Чтобы отогнать дремоту, принялся считать в уме: сколько нужно метелок для грузинской мызы: в кухню господскую по 2 в неделю – 104 штуки в год; в службы людские по 5 – 260 в год; в оранжереи, конюшни, флигеля – всего 1890 в год; на 5 лет – 9450, на 25 – 47 250.
Задача была слишком простая; придумал посложнее: сколько надо щебенки для шоссейной дороги от Грузина до Чудова.
В каждой куче: в вышину – 3 аршина 7 вершков; в окружности – 6 аршин 13 вершков; по откосу – 4 аршина 9 вершков. Трудно было сосчитать в уме; взял клочок бумаги, карандашик обгрызенный и начал делать выкладки, ставя цифры как можно теснее, так чтобы все уместилось на одном клочке: был скуп на бумагу.
Хорошо стало, тихо, спокойно, безгорестно-безрадостно, как в вечности.
Вдруг, в самой середине выкладок, когда расчет подходил уже к миллионам кубических вершков, приотворилась дверь из флигель-адъютантской.
– Ваше сиятельство, от его высочества, великого князя, – доложил Клейнмихель.
– Я тебе, чертов сын, говорил: в шею гони! – произнес Аракчеев, бросился на него, выругался нехорошим словом и поднял руку.
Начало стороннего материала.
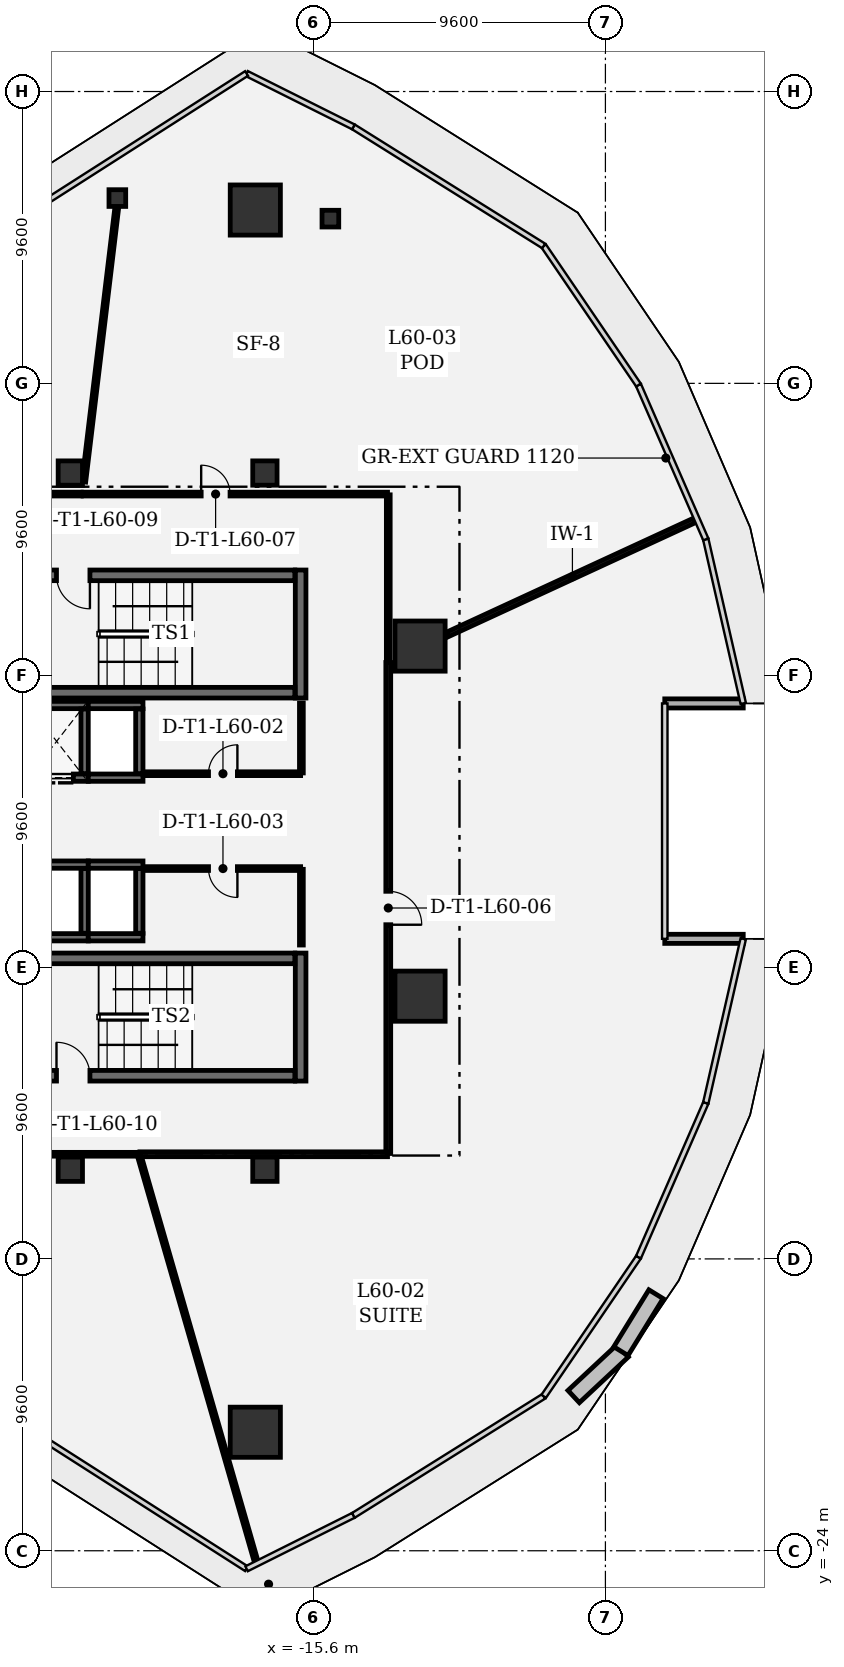
"""IFC4 building model, lengths in metres.
Left out: names, types, materials, properties, quantities, classifications, styles, units other than length and angle.
Written with IfcOpenShell. Run it as: python <this file> out.ifc"""

import sys

from ifc_helpers import new_model, si_unit, direction, frame, frame_2d, origin, origin_2d, place, context, subcontext, project, spatial, rectangle, extrude, element, fill, save


model = new_model("IFC4")
c1 = context("Model", 3, precision=1e-05, world=origin(), true_north=direction((0.0, 1.0)))
c2 = subcontext(c1, "Body", "Model", "MODEL_VIEW")
j1 = project(units=[si_unit("LENGTHUNIT", "METRE"), si_unit("PLANEANGLEUNIT", "RADIAN")], contexts=[c1])
p1 = place(None, origin())
s1 = spatial("IfcSite", under=j1, at=p1, CompositionType="ELEMENT")
p2 = place(p1, origin())
s2 = spatial("IfcBuilding", under=s1, at=p2, CompositionType="ELEMENT")
p3 = place(p2, frame((0.0, 0.0, 259.8)))
s3 = spatial("IfcBuildingStorey", under=s2, at=p3, CompositionType="ELEMENT", Elevation=259.8)
for number, where, z_axis, x_axis in (
    (1, (-17.515, -20.102, 0.0), (0.0, 0.0, 1.0), (1.0, 0.0, 0.0)),
    (2, (-12.097, -5.758, 0.0), (0.0, 0.0, 1.0), (1.0, 0.0, 0.0)),
    (3, (-12.097, 5.758, 0.0), (0.0, 0.0, 1.0), (1.0, 0.0, 0.0)),
    (4, (-17.515, 20.102, 0.0), (0.0, 0.0, 1.0), (1.0, 0.0, 0.0)),
):
    element("IfcColumn", number, at=place(p3, frame(where, z_axis=z_axis, x_axis=x_axis)), inside=s3, PredefinedType="COLUMN", context=c2, shape_type="SweptSolid", body=[
        extrude(rectangle(XDim=1.65, YDim=1.65, at=origin_2d()), origin(), (0.0, 0.0, 1.0), 4.2),
    ])
for number, where, z_axis, x_axis in (
    (5, (-23.6, 11.45, 0.0), (0.0, 0.0, 1.0), (1.0, 0.0, 0.0)),
    (6, (-17.2, 11.45, 0.0), (0.0, 0.0, 1.0), (1.0, 0.0, 0.0)),
    (7, (-17.2, -11.45, 0.0), (0.0, 0.0, 1.0), (1.0, 0.0, 0.0)),
    (8, (-23.6, -11.45, 0.0), (0.0, 0.0, 1.0), (1.0, 0.0, 0.0)),
):
    element("IfcColumn", number, at=place(p3, frame(where, z_axis=z_axis, x_axis=x_axis)), inside=s3, PredefinedType="COLUMN", context=c2, shape_type="SweptSolid", body=[
        extrude(rectangle(XDim=0.8, YDim=0.8, at=origin_2d()), origin(), (0.0, 0.0, 1.0), 4.2),
    ])
for number, where, z_axis, x_axis in (
    (9, (-22.053, 20.495, 0.0), (0.0, 0.0, 1.0), (1.0, 0.0, 0.0)),
    (10, (-15.046, 19.818, 0.0), (0.0, 0.0, 1.0), (1.0, 0.0, 0.0)),
):
    element("IfcColumn", number, at=place(p3, frame(where, z_axis=z_axis, x_axis=x_axis)), inside=s3, PredefinedType="COLUMN", context=c2, shape_type="SweptSolid", body=[
        extrude(rectangle(XDim=0.55, YDim=0.55, at=origin_2d()), origin(), (0.0, 0.0, 1.0), 4.2),
    ])
for number, where, z_axis, x_axis in (
    (11, (-1.467, -3.872, 0.0), (0.0, 0.0, 1.0), (-1.0, 0.0, 0.0)),
    (12, (-4.048, 3.872, 0.0), (0.0, 0.0, 1.0), (1.0, 0.0, 0.0)),
):
    element("IfcWall", number, at=place(p3, frame(where, z_axis=z_axis, x_axis=x_axis)), inside=s3, PredefinedType="SOLIDWALL", context=c2, shape_type="SweptSolid", body=[
        extrude(rectangle(XDim=2.581, YDim=0.3, at=frame_2d((1.291, 0.0))), origin(), (0.0, 0.0, 1.0), 3.91),
    ])
p4 = place(p3, frame((-16.025, 4.05, 0.0), z_axis=(0.0, 0.0, 1.0), x_axis=(0.0, 1.0, 0.0)))
e13 = element("IfcWall", 13, at=p4, inside=s3, PredefinedType="SHEAR", context=c2, shape_type="SweptSolid", body=[
    extrude(rectangle(XDim=4.21, YDim=0.35, at=frame_2d((2.105, 0.0))), origin(), (0.0, 0.0, 1.0), 3.91),
])
p5 = place(p3, frame((-24.335, 4.225, 0.0), z_axis=(0.0, 0.0, 1.0), x_axis=(1.0, 0.0, 0.0)))
e14 = element("IfcWall", 14, at=p5, inside=s3, PredefinedType="SHEAR", context=c2, shape_type="SweptSolid", body=[
    extrude(rectangle(XDim=8.12, YDim=0.35, at=frame_2d((4.06, 0.0))), origin(), (0.0, 0.0, 1.0), 3.91),
])
p6 = place(p3, frame((-16.215, 8.085, 0.0), z_axis=(0.0, 0.0, 1.0), x_axis=(-1.0, 0.0, 0.0)))
e15 = element("IfcWall", 15, at=p6, inside=s3, PredefinedType="SHEAR", context=c2, shape_type="SweptSolid", body=[
    extrude(rectangle(XDim=8.12, YDim=0.35, at=frame_2d((4.06, 0.0))), origin(), (0.0, 0.0, 1.0), 3.91),
])
p7 = place(p6, frame((6.74, 0.0, 0.0)))
e16 = element("IfcOpeningElement", 16, at=p7, cuts=e15, PredefinedType="OPENING", context=c2, shape_type="SweptSolid", body=[
    extrude(rectangle(XDim=1.1, YDim=2.2, at=frame_2d((0.55, 1.1))), frame((0.0, 0.185, 0.0), z_axis=(0.0, -1.0, 0.0), x_axis=(1.0, 0.0, 0.0)), (0.0, 0.0, 1.0), 0.37),
])
p8 = place(p3, frame((-16.025, -8.55, 0.0), z_axis=(0.0, 0.0, 1.0), x_axis=(0.0, 1.0, 0.0)))
e17 = element("IfcWall", 17, at=p8, inside=s3, PredefinedType="SHEAR", context=c2, shape_type="SweptSolid", body=[
    extrude(rectangle(XDim=4.21, YDim=0.35, at=frame_2d((2.105, 0.0))), origin(), (0.0, 0.0, 1.0), 3.91),
])
p9 = place(p3, frame((-24.335, -8.375, 0.0), z_axis=(0.0, 0.0, 1.0), x_axis=(1.0, 0.0, 0.0)))
e18 = element("IfcWall", 18, at=p9, inside=s3, PredefinedType="SHEAR", context=c2, shape_type="SweptSolid", body=[
    extrude(rectangle(XDim=8.12, YDim=0.35, at=frame_2d((4.06, 0.0))), origin(), (0.0, 0.0, 1.0), 3.91),
])
p10 = place(p9, frame((0.28, 0.0, 0.0)))
e19 = element("IfcOpeningElement", 19, at=p10, cuts=e18, PredefinedType="OPENING", context=c2, shape_type="SweptSolid", body=[
    extrude(rectangle(XDim=1.1, YDim=2.2, at=frame_2d((0.55, 1.1))), frame((0.0, 0.185, 0.0), z_axis=(0.0, -1.0, 0.0), x_axis=(1.0, 0.0, 0.0)), (0.0, 0.0, 1.0), 0.37),
])
p11 = place(p3, frame((-16.215, -4.515, 0.0), z_axis=(0.0, 0.0, 1.0), x_axis=(-1.0, 0.0, 0.0)))
e20 = element("IfcWall", 20, at=p11, inside=s3, PredefinedType="SHEAR", context=c2, shape_type="SweptSolid", body=[
    extrude(rectangle(XDim=8.12, YDim=0.35, at=frame_2d((4.06, 0.0))), origin(), (0.0, 0.0, 1.0), 3.91),
])
p12 = place(p3, frame((-23.01, 1.43, 0.0), z_axis=(0.0, 0.0, 1.0), x_axis=(-1.0, 0.0, 0.0)))
e21 = element("IfcWall", 21, at=p12, inside=s3, PredefinedType="SHEAR", context=c2, shape_type="SweptSolid", body=[
    extrude(rectangle(XDim=1.8, YDim=0.24, at=frame_2d((0.9, 0.0))), origin(), (0.0, 0.0, 1.0), 3.91),
])
p13 = place(p12, frame((0.49, 0.0, 0.0)))
e22 = element("IfcOpeningElement", 22, at=p13, cuts=e21, PredefinedType="OPENING", context=c2, shape_type="SweptSolid", body=[
    extrude(rectangle(XDim=1.1, YDim=2.2, at=frame_2d((0.55, 1.1))), frame((0.0, 0.13, 0.0), z_axis=(0.0, -1.0, 0.0), x_axis=(1.0, 0.0, 0.0)), (0.0, 0.0, 1.0), 0.26),
])
p14 = place(p3, frame((-24.81, 3.82, 0.0), z_axis=(0.0, 0.0, 1.0), x_axis=(1.0, 0.0, 0.0)))
e23 = element("IfcWall", 23, at=p14, inside=s3, PredefinedType="SHEAR", context=c2, shape_type="SweptSolid", body=[
    extrude(rectangle(XDim=1.8, YDim=0.24, at=frame_2d((0.9, 0.0))), origin(), (0.0, 0.0, 1.0), 3.91),
])
p15 = place(p3, frame((-23.13, 3.688, 0.0), z_axis=(0.0, 0.0, 1.0), x_axis=(0.0, -1.0, 0.0)))
e24 = element("IfcWall", 24, at=p15, inside=s3, PredefinedType="SHEAR", context=c2, shape_type="SweptSolid", body=[
    extrude(rectangle(XDim=2.126, YDim=0.24, at=frame_2d((1.063, 0.0))), origin(), (0.0, 0.0, 1.0), 3.91),
])
for number, where, z_axis, x_axis in (
    (25, (-21.21, 1.43, 0.0), (0.0, 0.0, 1.0), (-1.0, 0.0, 0.0)),
    (26, (-23.01, 3.82, 0.0), (0.0, 0.0, 1.0), (1.0, 0.0, 0.0)),
):
    element("IfcWall", number, at=place(p3, frame(where, z_axis=z_axis, x_axis=x_axis)), inside=s3, PredefinedType="SHEAR", context=c2, shape_type="SweptSolid", body=[
        extrude(rectangle(XDim=1.8, YDim=0.24, at=frame_2d((0.9, 0.0))), origin(), (0.0, 0.0, 1.0), 3.91),
    ])
p16 = place(p3, frame((-21.33, 3.688, 0.0), z_axis=(0.0, 0.0, 1.0), x_axis=(0.0, -1.0, 0.0)))
e27 = element("IfcWall", 27, at=p16, inside=s3, PredefinedType="SHEAR", context=c2, shape_type="SweptSolid", body=[
    extrude(rectangle(XDim=2.126, YDim=0.24, at=frame_2d((1.063, 0.0))), origin(), (0.0, 0.0, 1.0), 3.91),
])
for number, where, z_axis, x_axis in (
    (28, (-23.01, -3.82, 0.0), (0.0, 0.0, 1.0), (-1.0, 0.0, 0.0)),
    (29, (-24.81, -1.43, 0.0), (0.0, 0.0, 1.0), (1.0, 0.0, 0.0)),
):
    element("IfcWall", number, at=place(p3, frame(where, z_axis=z_axis, x_axis=x_axis)), inside=s3, PredefinedType="SHEAR", context=c2, shape_type="SweptSolid", body=[
        extrude(rectangle(XDim=1.8, YDim=0.24, at=frame_2d((0.9, 0.0))), origin(), (0.0, 0.0, 1.0), 3.91),
    ])
p17 = place(p3, frame((-23.13, -1.562, 0.0), z_axis=(0.0, 0.0, 1.0), x_axis=(0.0, -1.0, 0.0)))
e30 = element("IfcWall", 30, at=p17, inside=s3, PredefinedType="SHEAR", context=c2, shape_type="SweptSolid", body=[
    extrude(rectangle(XDim=2.126, YDim=0.24, at=frame_2d((1.063, 0.0))), origin(), (0.0, 0.0, 1.0), 3.91),
])
for number, where, z_axis, x_axis in (
    (31, (-21.21, -3.82, 0.0), (0.0, 0.0, 1.0), (-1.0, 0.0, 0.0)),
    (32, (-23.01, -1.43, 0.0), (0.0, 0.0, 1.0), (1.0, 0.0, 0.0)),
):
    element("IfcWall", number, at=place(p3, frame(where, z_axis=z_axis, x_axis=x_axis)), inside=s3, PredefinedType="SHEAR", context=c2, shape_type="SweptSolid", body=[
        extrude(rectangle(XDim=1.8, YDim=0.24, at=frame_2d((0.9, 0.0))), origin(), (0.0, 0.0, 1.0), 3.91),
    ])
p18 = place(p3, frame((-21.33, -1.562, 0.0), z_axis=(0.0, 0.0, 1.0), x_axis=(0.0, -1.0, 0.0)))
e33 = element("IfcWall", 33, at=p18, inside=s3, PredefinedType="SHEAR", context=c2, shape_type="SweptSolid", body=[
    extrude(rectangle(XDim=2.126, YDim=0.24, at=frame_2d((1.063, 0.0))), origin(), (0.0, 0.0, 1.0), 3.91),
])
p19 = place(p3, frame((-21.134, 1.56, 0.0), z_axis=(0.0, 0.0, 1.0), x_axis=(1.0, 0.0, 0.0)))
e34 = element("IfcWall", 34, at=p19, inside=s3, PredefinedType="PARTITIONING", context=c2, shape_type="SweptSolid", body=[
    extrude(rectangle(XDim=5.109, YDim=0.125, at=frame_2d((2.554, 0.0))), origin(), (0.0, 0.0, 1.0), 3.91),
])
p20 = place(p19, frame((2.079, 0.0, 0.0)))
e35 = element("IfcOpeningElement", 35, at=p20, cuts=e34, PredefinedType="OPENING", context=c2, shape_type="SweptSolid", body=[
    extrude(rectangle(XDim=0.95, YDim=2.15, at=frame_2d((0.475, 1.075))), frame((0.0, 0.073, 0.0), z_axis=(0.0, -1.0, 0.0), x_axis=(1.0, 0.0, 0.0)), (0.0, 0.0, 1.0), 0.145),
])
p21 = place(p3, frame((-16.0, 1.585, 0.0), z_axis=(0.0, 0.0, 1.0), x_axis=(0.0, 1.0, 0.0)))
e36 = element("IfcWall", 36, at=p21, inside=s3, PredefinedType="PARTITIONING", context=c2, shape_type="SweptSolid", body=[
    extrude(rectangle(XDim=2.302, YDim=0.125, at=frame_2d((1.151, 0.0))), origin(), (0.0, 0.0, 1.0), 3.91),
])
p22 = place(p3, frame((-16.0, -4.075, 0.0), z_axis=(0.0, 0.0, 1.0), x_axis=(0.0, 1.0, 0.0)))
e37 = element("IfcWall", 37, at=p22, inside=s3, PredefinedType="PARTITIONING", context=c2, shape_type="SweptSolid", body=[
    extrude(rectangle(XDim=2.49, YDim=0.125, at=frame_2d((1.245, 0.0))), origin(), (0.0, 0.0, 1.0), 3.91),
])
p23 = place(p3, frame((-16.025, -1.56, 0.0), z_axis=(0.0, 0.0, 1.0), x_axis=(-1.0, 0.0, 0.0)))
e38 = element("IfcWall", 38, at=p23, inside=s3, PredefinedType="PARTITIONING", context=c2, shape_type="SweptSolid", body=[
    extrude(rectangle(XDim=5.109, YDim=0.125, at=frame_2d((2.554, 0.0))), origin(), (0.0, 0.0, 1.0), 3.91),
])
p24 = place(p23, frame((2.079, 0.0, 0.0)))
e39 = element("IfcOpeningElement", 39, at=p24, cuts=e38, PredefinedType="OPENING", context=c2, shape_type="SweptSolid", body=[
    extrude(rectangle(XDim=0.95, YDim=2.15, at=frame_2d((0.475, 1.075))), frame((0.0, 0.073, 0.0), z_axis=(0.0, -1.0, 0.0), x_axis=(1.0, 0.0, 0.0)), (0.0, 0.0, 1.0), 0.145),
])
p25 = place(p3, frame((-37.833, -10.958, 0.0), z_axis=(0.0, 0.0, 1.0), x_axis=(1.0, 0.0, 0.0)))
e40 = element("IfcWall", 40, at=p25, inside=s3, PredefinedType="PARTITIONING", context=c2, shape_type="SweptSolid", body=[
    extrude(rectangle(XDim=16.463, YDim=0.125, at=frame_2d((8.231, 0.0))), origin(), (0.0, 0.0, 1.0), 3.13),
])
p26 = place(p25, frame((7.756, 0.0, 0.0)))
e41 = element("IfcOpeningElement", 41, at=p26, cuts=e40, PredefinedType="OPENING", context=c2, shape_type="SweptSolid", body=[
    extrude(rectangle(XDim=0.95, YDim=2.15, at=frame_2d((0.475, 1.075))), frame((0.0, 0.073, 0.0), z_axis=(0.0, -1.0, 0.0), x_axis=(1.0, 0.0, 0.0)), (0.0, 0.0, 1.0), 0.145),
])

Клейнмихель не шелохнулся, подставляя бесчувственно-кукольное лицо свое: казалось, удар прозвучит по лицу, как по дереву.
Аракчеев опустил руку и только прибавил неистовым шепотом:
– Вон!
Вернулся в кресло у камина; но уже не мог продолжать счет: помешали – запутался; огорчился, почувствовал сердцебиение и расстройство нервов.
– О, Бог мой, Бог мой! – тяжело вздыхал. – Минутки не дадут покоя…
Принял миндально-анисовых капель; отдохнул, успокоился и опять погрузился в выкладки.
Опять хорошо стало, тихо-тихо, безрадостно-безгорестно, как будто никогда ничего не было, нет и не будет, кроме совершенно тождественных, правильных, единообразных каменных куч, уходящих по обеим сторонам шоссейной дороги в бесконечную даль.
После свидания с Аракчеевым князь Валерьян поехал к своему приятелю, князю Сергею Петровичу Трубецкому, директору Северной Управы Тайного Общества, объявил ему о своем решении поступить в члены Общества и через несколько дней был принят.
Глава пятая
«Прекрасная Юлия, вздыхая о возлюбленном своем Лиодоре, бродит кротчайшими шагами, бледная, унылая, с поникшей головой, в мрачной пустоте березовой рощи, где осенний Борей осыпает землю пожелтевшими листьями; картина осени вливает в состав растерзанного существа ее нечто мрачнейшее, нежели самая мрачная меланхолия»…
«Лиодор и Юлия, или Награжденная постоянность – сельская повесть». Бывало, во дни императора Павла, сидя под арестом на Гатчинской гауптвахте, в долгие осенние вечера, от скуки читывал Александр Павлович такие же точно романы и повести. Потом уже было не до книг; иногда целые годы ничего, кроме газетных вырезок да военных реляций, в руки не брал. Но, во время последней болезни, опять пристрастился к чтению.